Labor under Bob Hawke and Paul Keating did oversee increased immigration from Asia and defended this policy robustly when it came under attack in the mid-1980s. Keating’s government, particularly, worked towards progressive goals in both Indigenous reconciliation and multiculturalism. But it was also the Keating government – under immigration minister Gerry Hand – that introduced mandatory detention for asylum seekers, in 1992. Subsequently, refugees would be routinely locked up while their claims were considered. The ghost of White Australia reared its head through the Howard era, with Pauline Hanson and her brand of noisy contempt for Indigenous Australians and Asian migrants, and the notorious Tampa affair of 2001. The Howard government’s refusal of the Tampa, a Norwegian ship carrying refugees rescued at sea, gave birth to the Pacific Solution and is often thought to have swung that year’s federal election in its favour. This politicised fear of uncontrolled arrivals by boat – of Asian, African, and Middle Eastern people, no less – was both new and very old. Asylum seekers became the new faces of non-European invasion and strong, ‘sovereign’ borders the cornerstone of Australian security.

The ALP’s defeat in the Tampa election continued to haunt the party. Throughout the election campaign, the Howard government was resolute on border security and continually accused Labor of being ‘wishy-washy’, willing to prioritise ‘illegal immigrants’ over Australians. Henceforth, the ALP would be extremely sensitive to accusations that it did not take Australia’s ‘sovereignty’ and national security seriously enough. In 2008, Kevin Rudd’s government did abolish Temporary Protection Visas, which held many asylum seekers in traumatic limbo, but there was still deep unease. Both Rudd and Julia Gillard, concerned about looking weak on security, continued hard-line approaches to boat arrivals, turn backs, and offshore detention.

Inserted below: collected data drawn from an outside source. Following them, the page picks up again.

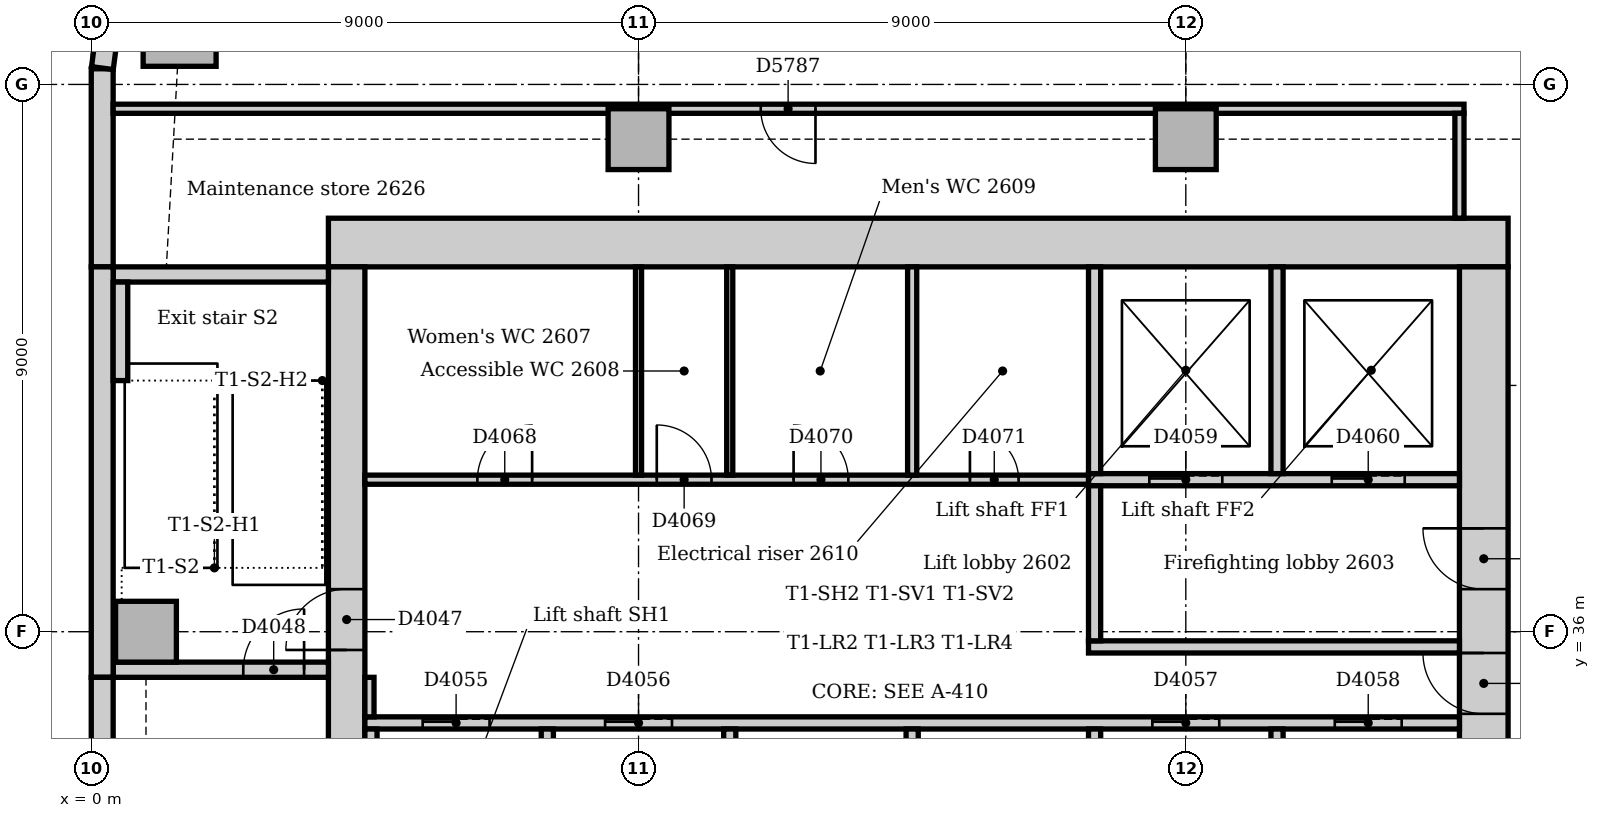
"""IFC4 building model, lengths in metres.
Left out: names, types, materials, properties, quantities, classifications, styles, units other than length and angle.
Written with IfcOpenShell. Run it as: python <this file> out.ifc"""

import sys

from ifc_helpers import new_model, si_unit, direction, frame, frame_2d, origin, origin_2d, place, context, subcontext, project, spatial, rectangle, extrude, element, fill, save


model = new_model("IFC4")
c1 = context("Model", 3, precision=1e-05, world=origin(), true_north=direction((0.0, 1.0)))
c2 = subcontext(c1, "Body", "Model", "MODEL_VIEW")
j1 = project(units=[si_unit("LENGTHUNIT", "METRE"), si_unit("PLANEANGLEUNIT", "RADIAN")], contexts=[c1])
p1 = place(None, origin())
s1 = spatial("IfcSite", under=j1, at=p1, CompositionType="ELEMENT")
p2 = place(p1, origin())
s2 = spatial("IfcBuilding", under=s1, at=p2, CompositionType="ELEMENT")
p3 = place(p2, frame((0.0, 0.0, 112.0)))
s3 = spatial("IfcBuildingStorey", under=s2, at=p3, CompositionType="ELEMENT", Elevation=112.0)
p4 = place(p3, frame((23.3, 42.4, 0.0), z_axis=(0.0, 0.0, 1.0), x_axis=(-1.0, 0.0, 0.0)))
e1 = element("IfcWall", 1, at=p4, inside=s3, PredefinedType="SOLIDWALL", context=c2, shape_type="SweptSolid", body=[
    extrude(rectangle(XDim=19.4, YDim=0.8, at=frame_2d((9.7, 0.0))), origin(), (0.0, 0.0, 1.0), 4.0),
])
p5 = place(p3, frame((22.9, 31.5, 0.0), z_axis=(0.0, 0.0, 1.0), x_axis=(0.0, 1.0, 0.0)))
e2 = element("IfcWall", 2, at=p5, inside=s3, PredefinedType="SOLIDWALL", context=c2, shape_type="SweptSolid", body=[
    extrude(rectangle(XDim=10.5, YDim=0.8, at=frame_2d((5.25, 0.0))), origin(), (0.0, 0.0, 1.0), 4.0),
])
p6 = place(p5, frame((3.15, 0.0, 0.0)))
e3 = element("IfcOpeningElement", 3, at=p6, cuts=e2, PredefinedType="OPENING", context=c2, shape_type="SweptSolid", body=[
    extrude(rectangle(XDim=1.0, YDim=2.1, at=frame_2d((0.5, 1.05))), frame((0.0, 0.41, 0.0), z_axis=(0.0, -1.0, 0.0), x_axis=(1.0, 0.0, 0.0)), (0.0, 0.0, 1.0), 0.82),
])
p7 = place(p5, frame((5.2, 0.0, 0.0)))
e4 = element("IfcOpeningElement", 4, at=p7, cuts=e2, PredefinedType="OPENING", context=c2, shape_type="SweptSolid", body=[
    extrude(rectangle(XDim=1.0, YDim=2.1, at=frame_2d((0.5, 1.05))), frame((0.0, 0.41, 0.0), z_axis=(0.0, -1.0, 0.0), x_axis=(1.0, 0.0, 0.0)), (0.0, 0.0, 1.0), 0.82),
])
p8 = place(p3, frame((4.2, 42.0, 0.0), z_axis=(0.0, 0.0, 1.0), x_axis=(0.0, -1.0, 0.0)))
e5 = element("IfcWall", 5, at=p8, inside=s3, PredefinedType="SOLIDWALL", context=c2, shape_type="SweptSolid", body=[
    extrude(rectangle(XDim=10.5, YDim=0.6, at=frame_2d((5.25, 0.0))), origin(), (0.0, 0.0, 1.0), 4.0),
])
p9 = place(p8, frame((5.3, 0.0, 0.0)))
e6 = element("IfcOpeningElement", 6, at=p9, cuts=e5, PredefinedType="OPENING", context=c2, shape_type="SweptSolid", body=[
    extrude(rectangle(XDim=1.0, YDim=2.1, at=frame_2d((0.5, 1.05))), frame((0.0, 0.31, 0.0), z_axis=(0.0, -1.0, 0.0), x_axis=(1.0, 0.0, 0.0)), (0.0, 0.0, 1.0), 0.62),
])
p10 = place(p3, frame((0.36, 35.375, 0.0), z_axis=(0.0, 0.0, 1.0), x_axis=(1.0, 0.0, 0.0)))
e7 = element("IfcWall", 7, at=p10, inside=s3, PredefinedType="SOLIDWALL", context=c2, shape_type="SweptSolid", body=[
    extrude(rectangle(XDim=3.54, YDim=0.25, at=frame_2d((1.77, 0.0))), origin(), (0.0, 0.0, 1.0), 4.0),
])
p11 = place(p10, frame((2.14, 0.0, 0.0)))
e8 = element("IfcOpeningElement", 8, at=p11, cuts=e7, PredefinedType="OPENING", context=c2, shape_type="SweptSolid", body=[
    extrude(rectangle(XDim=1.0, YDim=2.1, at=frame_2d((0.5, 1.05))), frame((0.0, 0.135, 0.0), z_axis=(0.0, -1.0, 0.0), x_axis=(1.0, 0.0, 0.0)), (0.0, 0.0, 1.0), 0.27),
])
p12 = place(p3, frame((3.9, 41.875, 0.0), z_axis=(0.0, 0.0, 1.0), x_axis=(-1.0, 0.0, 0.0)))
e9 = element("IfcWall", 9, at=p12, inside=s3, PredefinedType="SOLIDWALL", context=c2, shape_type="SweptSolid", body=[
    extrude(rectangle(XDim=3.54, YDim=0.25, at=frame_2d((1.77, 0.0))), origin(), (0.0, 0.0, 1.0), 4.0),
])
p13 = place(p3, frame((1.453, 45.898, 0.0), z_axis=(0.0, 0.0, 1.0), x_axis=(1.0, 0.0, 0.0)))
e10 = element("IfcColumn", 10, at=p13, inside=s3, PredefinedType="COLUMN", context=c2, shape_type="SweptSolid", body=[
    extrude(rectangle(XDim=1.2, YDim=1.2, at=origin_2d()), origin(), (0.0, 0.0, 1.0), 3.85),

And under Anthony Albanese? It’s difficult to say, after only a year. Though asylum seeker policy is one of the issues driving Labor voters into the arms of the Greens, the ALP does not yet appear inclined to change its stance. The new government’s response so soon after the election, at least, indicates that we are looking at more of the same. This ALP does not seem inclined to confront its complicated history regarding immigration and will continue to grapple with its deep unease over refugees and border policy. There have been signs of a more humanitarian approach, with the re-abolition of the Temporary Protection Visa and the decision to allow the Murugappan family to return to Biloela. These are important changes. But Operation Sovereign Borders, with its scary, deterrent website, remains in operation. Labor’s Home Affairs minister, Clare O’Neil, now appears in its videos, stern-faced, to declare that Australia’s ‘tough border protection policies’ remain and changes to the Temporary Protection Visa ‘do not apply to you’. The Greens’ immigration spokesperson, Nick McKim, summarised the views of many left-leaning voters after Labor’s response to the election-day boat, tweeting: ‘Meet the new boss, same as the old boss.’

The ALP may no longer look like the old ‘happy white men’s club’, but its ambivalence and uneasiness about refugees and assisted migration, it seems, remain.